The way the TTL evasion mechanism works is that every packet in a
direction will always get the lowest TTL that has ever been seen in that
direction for that flow. Each flow is tracked separately.
http://www.cisco.com/en/US/docs/security/asa/asa72/configuration/guide/protect.html
This should get around the feature
tcp-map ttl_workaround
no ttl-evasion-protection
policy-map POLICY_MAP_NAME
set connection advanced-options ttl_workaround
Hope this solves the mystery!
It turned out that the server (for some unknown reason) was sending out an HTTP packet with a TTL of 1 and due to the TTL-evasion-protection mechanism, the ASA continued to use this TTL for subsequent packets in the flow. And we all know packets with a TTL of 1 don’t go very far. But this didn’t solve the mystery of WHY the server would demonstrate such strange behavior. After talking to another co-worker who had encountered a similar issue with mysteriously dropped packets and poor network throughput, he suggested that the root cause was the TSO (TCP segmentation Offload) driver on the server in conjunction with the TOE (TCP Offload Engine) on the network card.
“large segment offload (LSO) is a technique for increasing outbound
throughput of high-bandwidth network connections by reducing CPU
overhead. It works by queuing up large buffers and letting the network
interface card (NIC) split them into separate packets. The technique is
also called TCP segmentation offload (TSO) when applied to TCP, or
generic segmentation offload (GSO).”
….
“TCP offload engine or TOE is a technology used in network interface
cards (NIC) to offload processing of the entire TCP/IP stack to the
network controller. It is primarily used with high-speed network
interfaces, such as gigabit Ethernet and 10 Gigabit Ethernet, where
processing overhead of the network stack becomes significant.

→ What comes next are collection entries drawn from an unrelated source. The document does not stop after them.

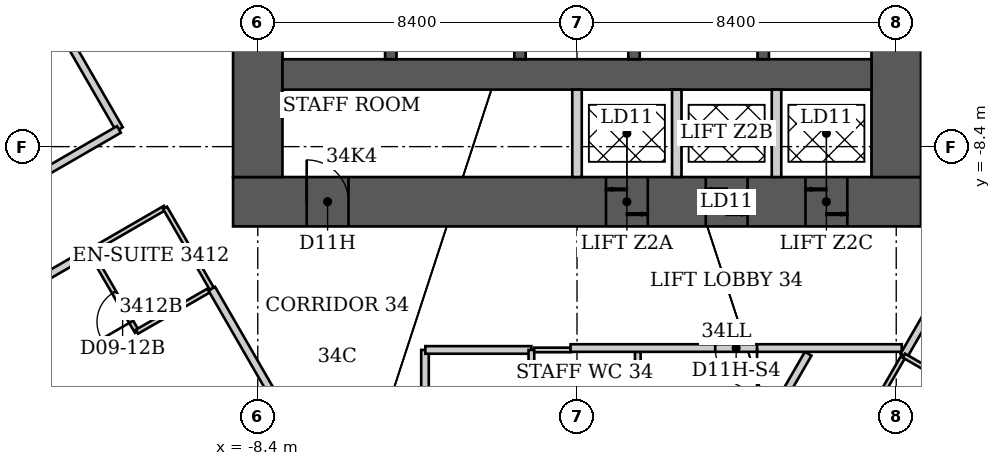
"""IFC4 building model, lengths in metres.
Left out: names, types, materials, properties, quantities, classifications, styles, units other than length and angle.
Written with IfcOpenShell. Run it as: python <this file> out.ifc"""

import sys

from ifc_helpers import new_model, si_unit, direction, frame, frame_2d, origin, place, context, subcontext, project, spatial, rectangle, extrude, element, fill, save


model = new_model("IFC4")
c1 = context("Model", 3, precision=1e-05, world=origin(), true_north=direction((0.0, 1.0)))
c2 = subcontext(c1, "Body", "Model", "MODEL_VIEW")
j1 = project(units=[si_unit("LENGTHUNIT", "METRE"), si_unit("PLANEANGLEUNIT", "RADIAN")], contexts=[c1])
p1 = place(None, origin())
s1 = spatial("IfcSite", under=j1, at=p1, CompositionType="ELEMENT")
p2 = place(p1, origin())
s2 = spatial("IfcBuilding", under=s1, at=p2, CompositionType="ELEMENT")
p3 = place(p2, frame((0.0, 0.0, 138.6)))
s3 = spatial("IfcBuildingStorey", under=s2, at=p3, CompositionType="ELEMENT", Elevation=138.6)
p4 = place(p3, frame((-9.05, -9.85, 0.0), z_axis=(0.0, 0.0, 1.0), x_axis=(1.0, 0.0, 0.0)))
e1 = element("IfcWall", 1, at=p4, inside=s3, PredefinedType="SHEAR", context=c2, shape_type="SweptSolid", body=[
    extrude(rectangle(XDim=18.1, YDim=1.3, at=frame_2d((9.05, 0.0))), origin(), (0.0, 0.0, 1.0), 3.8),
])
p5 = place(p4, frame((1.938, 0.0, 0.0)))
e2 = element("IfcOpeningElement", 2, at=p5, cuts=e1, PredefinedType="OPENING", context=c2, shape_type="SweptSolid", body=[
    extrude(rectangle(XDim=1.1, YDim=2.2, at=frame_2d((0.55, 1.1))), frame((0.0, 0.65, 0.0), z_axis=(0.0, -1.0, 0.0), x_axis=(1.0, 0.0, 0.0)), (0.0, 0.0, 1.0), 1.3),
])
p6 = place(p4, frame((9.812, 0.0, 0.0)))
e3 = element("IfcOpeningElement", 3, at=p6, cuts=e1, PredefinedType="OPENING", context=c2, shape_type="SweptSolid", body=[
    extrude(rectangle(XDim=1.1, YDim=2.1, at=frame_2d((0.55, 1.05))), frame((0.0, 0.65, 0.0), z_axis=(0.0, -1.0, 0.0), x_axis=(1.0, 0.0, 0.0)), (0.0, 0.0, 1.0), 1.3),
])
p7 = place(p4, frame((12.438, 0.0, 0.0)))
e4 = element("IfcOpeningElement", 4, at=p7, cuts=e1, PredefinedType="OPENING", context=c2, shape_type="SweptSolid", body=[
    extrude(rectangle(XDim=1.1, YDim=2.1, at=frame_2d((0.55, 1.05))), frame((0.0, 0.65, 0.0), z_axis=(0.0, -1.0, 0.0), x_axis=(1.0, 0.0, 0.0)), (0.0, 0.0, 1.0), 1.3),
])
p8 = place(p4, frame((15.062, 0.0, 0.0)))
e5 = element("IfcOpeningElement", 5, at=p8, cuts=e1, PredefinedType="OPENING", context=c2, shape_type="SweptSolid", body=[
    extrude(rectangle(XDim=1.1, YDim=2.1, at=frame_2d((0.55, 1.05))), frame((0.0, 0.65, 0.0), z_axis=(0.0, -1.0, 0.0), x_axis=(1.0, 0.0, 0.0)), (0.0, 0.0, 1.0), 1.3),
])
p9 = place(p3, frame((-8.4, -9.2, 0.0), z_axis=(0.0, 0.0, 1.0), x_axis=(0.0, 1.0, 0.0)))
e6 = element("IfcWall", 6, at=p9, inside=s3, PredefinedType="SHEAR", context=c2, shape_type="SweptSolid", body=[
    extrude(rectangle(XDim=15.3, YDim=1.3, at=frame_2d((7.65, 0.0))), origin(), (0.0, 0.0, 1.0), 3.8),
])
p10 = place(p9, frame((10.7, 0.0, 0.0)))
e7 = element("IfcOpeningElement", 7, at=p10, cuts=e6, PredefinedType="OPENING", context=c2, shape_type="SweptSolid", body=[
    extrude(rectangle(XDim=1.2, YDim=2.2, at=frame_2d((0.6, 1.1))), frame((0.0, 0.65, 0.0), z_axis=(0.0, -1.0, 0.0), x_axis=(1.0, 0.0, 0.0)), (0.0, 0.0, 1.0), 1.3),
])
p11 = place(p3, frame((8.4, -9.2, 0.0), z_axis=(0.0, 0.0, 1.0), x_axis=(0.0, 1.0, 0.0)))
e8 = element("IfcWall", 8, at=p11, inside=s3, PredefinedType="SHEAR", context=c2, shape_type="SweptSolid", body=[
    extrude(rectangle(XDim=15.3, YDim=1.3, at=frame_2d((7.65, 0.0))), origin(), (0.0, 0.0, 1.0), 3.8),
])
p12 = place(p11, frame((10.7, 0.0, 0.0)))
e9 = element("IfcOpeningElement", 9, at=p12, cuts=e8, PredefinedType="OPENING", context=c2, shape_type="SweptSolid", body=[
    extrude(rectangle(XDim=1.2, YDim=2.2, at=frame_2d((0.6, 1.1))), frame((0.0, 0.65, 0.0), z_axis=(0.0, -1.0, 0.0), x_axis=(1.0, 0.0, 0.0)), (0.0, 0.0, 1.0), 1.3),
])
p13 = place(p3, frame((-7.75, -6.5, 0.0), z_axis=(0.0, 0.0, 1.0), x_axis=(1.0, 0.0, 0.0)))
e10 = element("IfcWall", 10, at=p13, inside=s3, PredefinedType="SHEAR", context=c2, shape_type="SweptSolid", body=[
    extrude(rectangle(XDim=15.5, YDim=0.8, at=frame_2d((7.75, 0.0))), origin(), (0.0, 0.0, 1.0), 3.8),
])
for number, where, z_axis, x_axis in (
    (11, (-4.9, -6.1, 0.0), (0.0, 0.0, 1.0), (0.0, 1.0, 0.0)),
    (12, (-1.5, -6.1, 0.0), (0.0, 0.0, 1.0), (0.0, 1.0, 0.0)),
    (13, (1.5, -6.1, 0.0), (0.0, 0.0, 1.0), (0.0, 1.0, 0.0)),
    (14, (4.9, -6.1, 0.0), (0.0, 0.0, 1.0), (0.0, 1.0, 0.0)),
):
    element("IfcWall", number, at=place(p3, frame(where, z_axis=z_axis, x_axis=x_axis)), inside=s3, PredefinedType="SHEAR", context=c2, shape_type="SweptSolid", body=[
        extrude(rectangle(XDim=7.2, YDim=0.3, at=frame_2d((3.6, 0.0))), origin(), (0.0, 0.0, 1.0), 3.8),
    ])
for number, where, z_axis, x_axis in (
    (15, (0.0, -9.2, 0.0), (0.0, 0.0, 1.0), (0.0, 1.0, 0.0)),
    (16, (2.625, -9.2, 0.0), (0.0, 0.0, 1.0), (0.0, 1.0, 0.0)),
    (17, (5.25, -9.2, 0.0), (0.0, 0.0, 1.0), (0.0, 1.0, 0.0)),
):
    element("IfcWall", number, at=place(p3, frame(where, z_axis=z_axis, x_axis=x_axis)), inside=s3, PredefinedType="PARTITIONING", context=c2, shape_type="SweptSolid", body=[
        extrude(rectangle(XDim=2.3, YDim=0.25, at=frame_2d((1.15, 0.0))), origin(), (0.0, 0.0, 1.0), 3.8),
    ])
p14 = place(p3, frame((-17.824, -14.045, 0.0), z_axis=(0.0, 0.0, 1.0), x_axis=(0.866007919525, 0.500030282404, 0.0)))
e18 = element("IfcWall", 18, at=p14, inside=s3, PredefinedType="PARTITIONING", context=c2, shape_type="SweptSolid", body=[
    extrude(rectangle(XDim=5.79, YDim=0.2, at=frame_2d((2.895, 0.0))), origin(), (0.0, 0.0, 1.0), 3.64),
])
p15 = place(p14, frame((2.395, 0.0, 0.0)))
e19 = element("IfcOpeningElement", 19, at=p15, cuts=e18, PredefinedType="OPENING", context=c2, shape_type="SweptSolid", body=[
    extrude(rectangle(XDim=1.0, YDim=2.13, at=frame_2d((0.5, 1.065))), frame((0.0, 0.1, 0.0), z_axis=(0.0, -1.0, 0.0), x_axis=(1.0, 0.0, 0.0)), (0.0, 0.0, 1.0), 0.2),
])
p16 = place(p3, frame((-16.4, -0.38, 0.0), z_axis=(0.0, 0.0, 1.0), x_axis=(0.499575523811, -0.866270336563, 0.0)))
e20 = element("IfcWall", 20, at=p16, inside=s3, PredefinedType="PARTITIONING", context=c2, shape_type="SweptSolid", body=[
    extrude(rectangle(XDim=8.727, YDim=0.2, at=frame_2d((4.364, 0.0))), origin(), (0.0, 0.0, 1.0), 3.64),
])
p17 = place(p16, frame((3.864, 0.0, 0.0)))
e21 = element("IfcOpeningElement", 21, at=p17, cuts=e20, PredefinedType="OPENING", context=c2, shape_type="SweptSolid", body=[
    extrude(rectangle(XDim=1.0, YDim=2.13, at=frame_2d((0.5, 1.065))), frame((0.0, 0.1, 0.0), z_axis=(0.0, -1.0, 0.0), x_axis=(1.0, 0.0, 0.0)), (0.0, 0.0, 1.0), 0.2),
])
p18 = place(p3, frame((-12.81, -11.15, 0.0), z_axis=(0.0, 0.0, 1.0), x_axis=(0.501813488763, -0.864975850817, 0.0)))
e22 = element("IfcWall", 22, at=p18, inside=s3, PredefinedType="PARTITIONING", context=c2, shape_type="SweptSolid", body=[
    extrude(rectangle(XDim=2.451, YDim=0.12, at=frame_2d((1.226, 0.0))), origin(), (0.0, 0.0, 1.0), 3.64),
])
p19 = place(p18, frame((1.251, 0.0, 0.0)))
e23 = element("IfcOpeningElement", 23, at=p19, cuts=e22, PredefinedType="OPENING", context=c2, shape_type="SweptSolid", body=[
    extrude(rectangle(XDim=0.9, YDim=2.03, at=frame_2d((0.45, 1.015))), frame((0.0, 0.06, 0.0), z_axis=(0.0, -1.0, 0.0), x_axis=(1.0, 0.0, 0.0)), (0.0, 0.0, 1.0), 0.12),
])
p20 = place(p3, frame((-12.81, -11.15, 0.0), z_axis=(0.0, 0.0, 1.0), x_axis=(0.865543766642, 0.500833293649, 0.0)))
e24 = element("IfcWall", 24, at=p20, inside=s3, PredefinedType="PARTITIONING", context=c2, shape_type="SweptSolid", body=[
    extrude(rectangle(XDim=2.276, YDim=0.12, at=frame_2d((1.138, 0.0))), origin(), (0.0, 0.0, 1.0), 3.64),
])
p21 = place(p3, frame((-12.053, -7.948, 0.0), z_axis=(0.0, 0.0, 1.0), x_axis=(-0.865882003792, -0.500248293859, 0.0)))
e25 = element("IfcWall", 25, at=p21, inside=s3, PredefinedType="PARTITIONING", context=c2, shape_type="SweptSolid", body=[
    extrude(rectangle(XDim=8.051, YDim=0.2, at=frame_2d((4.025, 0.0))), origin(), (0.0, 0.0, 1.0), 3.64),
])
p22 = place(p3, frame((-11.58, -13.27, 0.0), z_axis=(0.0, 0.0, 1.0), x_axis=(0.867428373024, 0.497562074192, 0.0)))
e26 = element("IfcWall", 26, at=p22, inside=s3, PredefinedType="PARTITIONING", context=c2, shape_type="SweptSolid", body=[
    extrude(rectangle(XDim=2.271, YDim=0.12, at=frame_2d((1.136, 0.0))), origin(), (0.0, 0.0, 1.0), 3.64),
])
p23 = place(p3, frame((-10.84, -10.01, 0.0), z_axis=(0.0, 0.0, 1.0), x_axis=(0.500089055364, -0.86597398154, 0.0)))
e27 = element("IfcWall", 27, at=p23, inside=s3, PredefinedType="PARTITIONING", context=c2, shape_type="SweptSolid", body=[
    extrude(rectangle(XDim=2.459, YDim=0.12, at=frame_2d((1.23, 0.0))), origin(), (0.0, 0.0, 1.0), 3.64),
])
p24 = place(p3, frame((-9.61, -12.14, 0.0), z_axis=(0.0, 0.0, 1.0), x_axis=(0.499898533245, -0.866083977718, 0.0)))
e28 = element("IfcWall", 28, at=p24, inside=s3, PredefinedType="PARTITIONING", context=c2, shape_type="SweptSolid", body=[
    extrude(rectangle(XDim=4.561, YDim=0.2, at=frame_2d((2.281, 0.0))), origin(), (0.0, 0.0, 1.0), 3.64),
])
p25 = place(p3, frame((-4.0, -17.46, 0.0), z_axis=(0.0, 0.0, 1.0), x_axis=(0.0, 1.0, 0.0)))
e29 = element("IfcWall", 29, at=p25, inside=s3, PredefinedType="PARTITIONING", context=c2, shape_type="SweptSolid", body=[
    extrude(rectangle(XDim=3.71, YDim=0.2, at=frame_2d((1.855, 0.0))), origin(), (0.0, 0.0, 1.0), 2.878),
])
p26 = place(p25, frame((1.305, 0.0, 0.0)))
e30 = element("IfcOpeningElement", 30, at=p26, cuts=e29, PredefinedType="OPENING", context=c2, shape_type="SweptSolid", body=[
    extrude(rectangle(XDim=1.1, YDim=2.2, at=frame_2d((0.55, 1.1))), frame((0.0, 0.1, 0.0), z_axis=(0.0, -1.0, 0.0), x_axis=(1.0, 0.0, 0.0)), (0.0, 0.0, 1.0), 0.2),
])
p27 = place(p3, frame((-3.99, -13.75, 0.0), z_axis=(0.0, 0.0, 1.0), x_axis=(1.0, 0.0, 0.0)))
e31 = element("IfcWall", 31, at=p27, inside=s3, PredefinedType="PARTITIONING", context=c2, shape_type="SweptSolid", body=[
    extrude(rectangle(XDim=2.79, YDim=0.2, at=frame_2d((1.395, 0.0))), origin(), (0.0, 0.0, 1.0), 3.64),
])
p28 = place(p3, frame((-1.2, -13.75, 0.0), z_axis=(0.0, 0.0, 1.0), x_axis=(0.0, -1.0, 0.0)))
e32 = element("IfcWall", 32, at=p28, inside=s3, PredefinedType="PARTITIONING", context=c2, shape_type="SweptSolid", body=[
    extrude(rectangle(XDim=4.14, YDim=0.15, at=frame_2d((2.07, 0.0))), origin(), (0.0, 0.0, 1.0), 3.64),
])
p29 = place(p3, frame((-1.125, -13.75, 0.0), z_axis=(0.0, 0.0, 1.0), x_axis=(1.0, 0.0, 0.0)))
e33 = element("IfcWall", 33, at=p29, inside=s3, PredefinedType="PARTITIONING", context=c2, shape_type="SweptSolid", body=[
    extrude(rectangle(XDim=0.955, YDim=0.12, at=frame_2d((0.478, 0.0))), origin(), (0.0, 0.0, 1.0), 3.64),
])
p30 = place(p3, frame((1.6, -13.8, 0.0), z_axis=(0.0, 0.0, 1.0), x_axis=(0.0, -1.0, 0.0)))
e34 = element("IfcWall", 34, at=p30, inside=s3, PredefinedType="PARTITIONING", context=c2, shape_type="SweptSolid", body=[
    extrude(rectangle(XDim=4.09, YDim=0.15, at=frame_2d((2.045, 0.0))), origin(), (0.0, 0.0, 1.0), 3.64),
])
p31 = place(p3, frame((6.083, -13.85, 0.0), z_axis=(0.0, 0.0, 1.0), x_axis=(-0.499977643516, -0.866038310922, 0.0)))
e35 = element("IfcWall", 35, at=p31, inside=s3, PredefinedType="PARTITIONING", context=c2, shape_type="SweptSolid", body=[
    extrude(rectangle(XDim=4.665, YDim=0.2, at=frame_2d((2.333, 0.0))), origin(), (0.0, 0.0, 1.0), 3.64),
])
p32 = place(p3, frame((7.33, -16.09, 0.0), z_axis=(0.0, 0.0, 1.0), x_axis=(0.501632941931, 0.865080569409, 0.0)))
e36 = element("IfcWall", 36, at=p32, inside=s3, PredefinedType="PARTITIONING", context=c2, shape_type="SweptSolid", body=[
    extrude(rectangle(XDim=2.532, YDim=0.12, at=frame_2d((1.266, 0.0))), origin(), (0.0, 0.0, 1.0), 3.64),
])
p33 = place(p3, frame((8.545, -13.7, 0.0), z_axis=(0.0, 0.0, 1.0), x_axis=(-1.0, 0.0, 0.0)))
e37 = element("IfcWall", 37, at=p33, inside=s3, PredefinedType="PARTITIONING", context=c2, shape_type="SweptSolid", body=[
    extrude(rectangle(XDim=8.715, YDim=0.2, at=frame_2d((4.357, 0.0))), origin(), (0.0, 0.0, 1.0), 3.64),
])
p34 = place(p33, frame((3.808, 0.0, 0.0)))
e38 = element("IfcOpeningElement", 38, at=p34, cuts=e37, PredefinedType="OPENING", context=c2, shape_type="SweptSolid", body=[
    extrude(rectangle(XDim=1.1, YDim=2.2, at=frame_2d((0.55, 1.1))), frame((0.0, 0.1, 0.0), z_axis=(0.0, -1.0, 0.0), x_axis=(1.0, 0.0, 0.0)), (0.0, 0.0, 1.0), 0.2),
])
p35 = place(p3, frame((8.6, -13.9, 0.0), z_axis=(0.0, 0.0, 1.0), x_axis=(0.499505868716, 0.866310502717, 0.0)))
e39 = element("IfcWall", 39, at=p35, inside=s3, PredefinedType="PARTITIONING", context=c2, shape_type="SweptSolid", body=[
    extrude(rectangle(XDim=8.588, YDim=0.2, at=frame_2d((4.294, 0.0))), origin(), (0.0, 0.0, 1.0), 3.64),
])
p36 = place(p35, frame((3.794, 0.0, 0.0)))
e40 = element("IfcOpeningElement", 40, at=p36, cuts=e39, PredefinedType="OPENING", context=c2, shape_type="SweptSolid", body=[
    extrude(rectangle(XDim=1.0, YDim=2.13, at=frame_2d((0.5, 1.065))), frame((0.0, 0.1, 0.0), z_axis=(0.0, -1.0, 0.0), x_axis=(1.0, 0.0, 0.0)), (0.0, 0.0, 1.0), 0.2),
])
p37 = place(p3, frame((10.63, -15.07, 0.0), z_axis=(0.0, 0.0, 1.0), x_axis=(-0.866345142729, 0.499445786517, 0.0)))
e41 = element("IfcWall", 41, at=p37, inside=s3, PredefinedType="PARTITIONING", context=c2, shape_type="SweptSolid", body=[
    extrude(rectangle(XDim=2.343, YDim=0.12, at=frame_2d((1.171, 0.0))), origin(), (0.0, 0.0, 1.0), 3.64),
])
p38 = place(p19, origin())
e42 = element("IfcDoor", 42, at=p38, inside=s3, OperationType="SINGLE_SWING_RIGHT", PredefinedType="DOOR", context=c2, shape_type="SweptSolid", body=[
    extrude(rectangle(XDim=0.9, YDim=2.03, at=frame_2d((0.45, 1.015))), frame((0.0, 0.025, 0.0), z_axis=(0.0, -1.0, 0.0), x_axis=(1.0, 0.0, 0.0)), (0.0, 0.0, 1.0), 0.05),
])
fill(e23, e42)
p39 = place(p34, origin())
e43 = element("IfcDoor", 43, at=p39, inside=s3, OperationType="SINGLE_SWING_LEFT", PredefinedType="DOOR", context=c2, shape_type="SweptSolid", body=[
    extrude(rectangle(XDim=1.1, YDim=2.2, at=frame_2d((0.55, 1.1))), frame((0.0, 0.025, 0.0), z_axis=(0.0, -1.0, 0.0), x_axis=(1.0, 0.0, 0.0)), (0.0, 0.0, 1.0), 0.05),
])
fill(e38, e43)
p40 = place(p5, origin())
e44 = element("IfcDoor", 44, at=p40, inside=s3, OperationType="SINGLE_SWING_LEFT", PredefinedType="DOOR", context=c2, shape_type="SweptSolid", body=[
    extrude(rectangle(XDim=1.1, YDim=2.2, at=frame_2d((0.55, 1.1))), frame((0.0, 0.025, 0.0), z_axis=(0.0, -1.0, 0.0), x_axis=(1.0, 0.0, 0.0)), (0.0, 0.0, 1.0), 0.05),
])
fill(e2, e44)
p41 = place(p6, origin())
e45 = element("IfcDoor", 45, at=p41, inside=s3, OperationType="DOUBLE_DOOR_SLIDING", PredefinedType="DOOR", context=c2, shape_type="SweptSolid", body=[
    extrude(rectangle(XDim=1.1, YDim=2.1, at=frame_2d((0.55, 1.05))), frame((0.0, 0.025, 0.0), z_axis=(0.0, -1.0, 0.0), x_axis=(1.0, 0.0, 0.0)), (0.0, 0.0, 1.0), 0.05),
])
fill(e3, e45)
p42 = place(p7, origin())
e46 = element("IfcDoor", 46, at=p42, inside=s3, OperationType="DOUBLE_DOOR_SLIDING", PredefinedType="DOOR", context=c2, shape_type="SweptSolid", body=[
    extrude(rectangle(XDim=1.1, YDim=2.1, at=frame_2d((0.55, 1.05))), frame((0.0, 0.025, 0.0), z_axis=(0.0, -1.0, 0.0), x_axis=(1.0, 0.0, 0.0)), (0.0, 0.0, 1.0), 0.05),
])
fill(e4, e46)
p43 = place(p8, origin())
e47 = element("IfcDoor", 47, at=p43, inside=s3, OperationType="DOUBLE_DOOR_SLIDING", PredefinedType="DOOR", context=c2, shape_type="SweptSolid", body=[
    extrude(rectangle(XDim=1.1, YDim=2.1, at=frame_2d((0.55, 1.05))), frame((0.0, 0.025, 0.0), z_axis=(0.0, -1.0, 0.0), x_axis=(1.0, 0.0, 0.0)), (0.0, 0.0, 1.0), 0.05),
])
fill(e5, e47)
save(model, sys.argv[1])

The term, TOE, is often used to refer to the NIC itself, although
circuit board engineers may use it to refer only to the integrated
circuit included on the card which processes the TCP headers. TOEs are
often suggested as a way to reduce the overhead associated with IP
storage protocols such as iSCSI and NFS.”
This guy probably spent hundreds of hours testing and researching this problem. He finally admitted to a rather drastic solution, removing the TOE chip from the NICs in multiple servers. From my own research, the firmware on the card can be “problematic” and when the kernel driver is enabled (in Linux or VMware), odd behavior can sometimes be observed, including dropped packets, resets or suboptimal performance. But there’s lots of controversy surrounding this issue. As noted in some of the information I found below:
https://b.kentbackman.com/tag/tso/
http://permalink.gmane.org/gmane.linux.drivers.e1000.devel/627
http://lwn.net/Articles/149941/
http://www.mail-archive.com/[email protected]/msg01690.html
http://www.thesubodh.com/2012/05/toe-tcp-offload-engine-on-nic-packet.html
http://v-front.blogspot.com/2011/05/network-troubleshooting-part-iii-real.html
https://bugzilla.redhat.com/show_bug.cgi?id=485292
I presented a few options to the sysadmin.
- Add a policy map for this server, but this may be a security issue and
it probably isn’t easily documented for others encountering this odd
entry in the policy. - Check to see if there’s a firmware update for the network card.
- Check to see if there’s a patch for the OS.
- Disable/turn off TSO, but there’s a possibility of a performance hit
to the CPU. - Replace the NIC or remove the TOE component from the card.
Ultimately, we resolved the issue by adding a policy map in the firewall for the web server with the sysadmin disabling TSO in the linux kernel, but I’m not even sure these were good choices. Especially because TOE/TSO is supposed to be a performance enhancing feature. Just seemed to be the most expeditious choice when a production service was intermittently unavailable with lots of unhappy users. Guess we were just collateral damage in another bufferbloat drive-by. Maybe Jim Gettys is right and the internet really is broken.